The summer detour this year  (the opposite of my previous summer detour because it was completely unplanned and happened all on it’s own), started when I decided to read The Happiness Project by Gretchen Rubin. I’d heard about this book, and the blog that goes with it, and started reading it at the end of June. I’m only a couple of chapters in (more on why coming up), but I highly recommend it.

Gretchen looked at happiness from a writer/researcher point of view and tried out the different themes she discovered in her research. Each month she tested out a different theme centered around making herself happier and then wrote about her experiences. The first theme is Boost Energy and that chapter includes a section on the benefits of reducing clutter in one’s physical space. I decided that I was not continuing on to chapter two without test-driving all her themes myself.
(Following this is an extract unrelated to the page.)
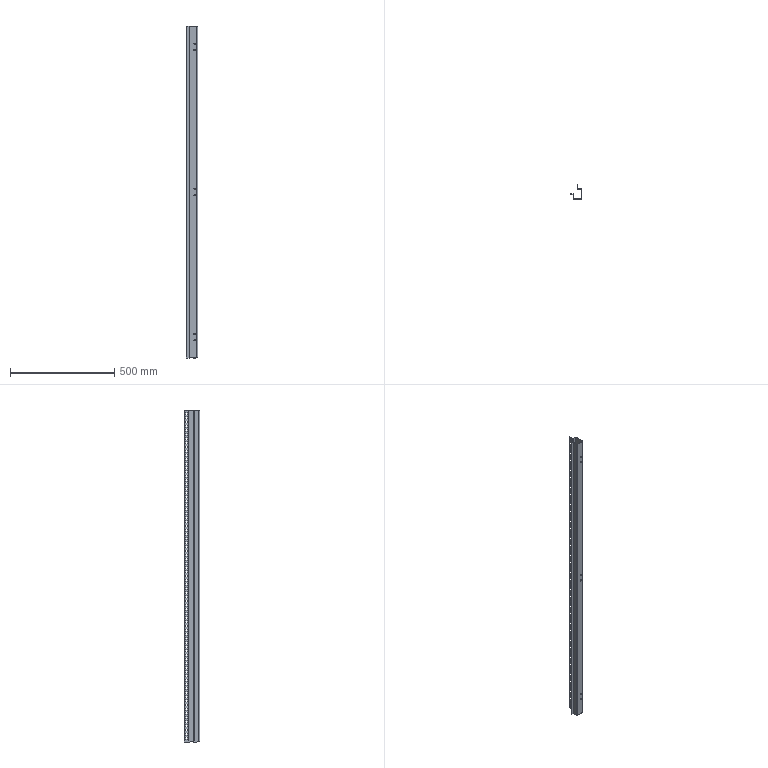Component | SolidWorks | LeftColumn-1 | 1 solid | 374 faces | volume 509091 mm3 | plane 352 | cylinder 22 | commonest cylinder face diameters 6 x17 2 x5

I took one look at my home and realized how draining all the clutter was and decided to do something about it.

I told my husband of my plans. I was going to take EVERYTHING out of my study. Then I was going to clean the room top to bottom and move our teenage son into that room, taking ONLY what he wanted out of his old room. Then I was going to take EVERYTHING out of his old room, clean it top to bottom and move our younger son into that bedroom. Then I would take EVERYTHING out of that son’s room, clean it, and turn it into my study. Then I would move the essentials into my new study, purging all that I (and they) no longer needed. I thought this might take about two weeks and told my husband he didn’t have to worry, that I would do all this myself (with the boys’ help).

I’m sure you can imagine the look he gave me, but, being the nice partner he is, and understanding my stubborn independence, he told me it was a good idea and let me run off to get started.

First off, let me say that is was quite obvious I’ve been teaching for almost twenty years when the pile of stuff I moved out of the study filled up the majority of our living room space. Anyone walking into my home at that time must have suspected I was a hoarder. So much teaching stuff. And sewing stuff. And craft stuff. And art stuff. Ridiculous. But, I didn’t look at the pile too long as I instead shampooed the carpets in the old study, filled a couple of nail holes and moved my ecstatic teen into his new, ‘teenager’ bedroom, taking only the possessions he couldn’t live without from his old bedroom.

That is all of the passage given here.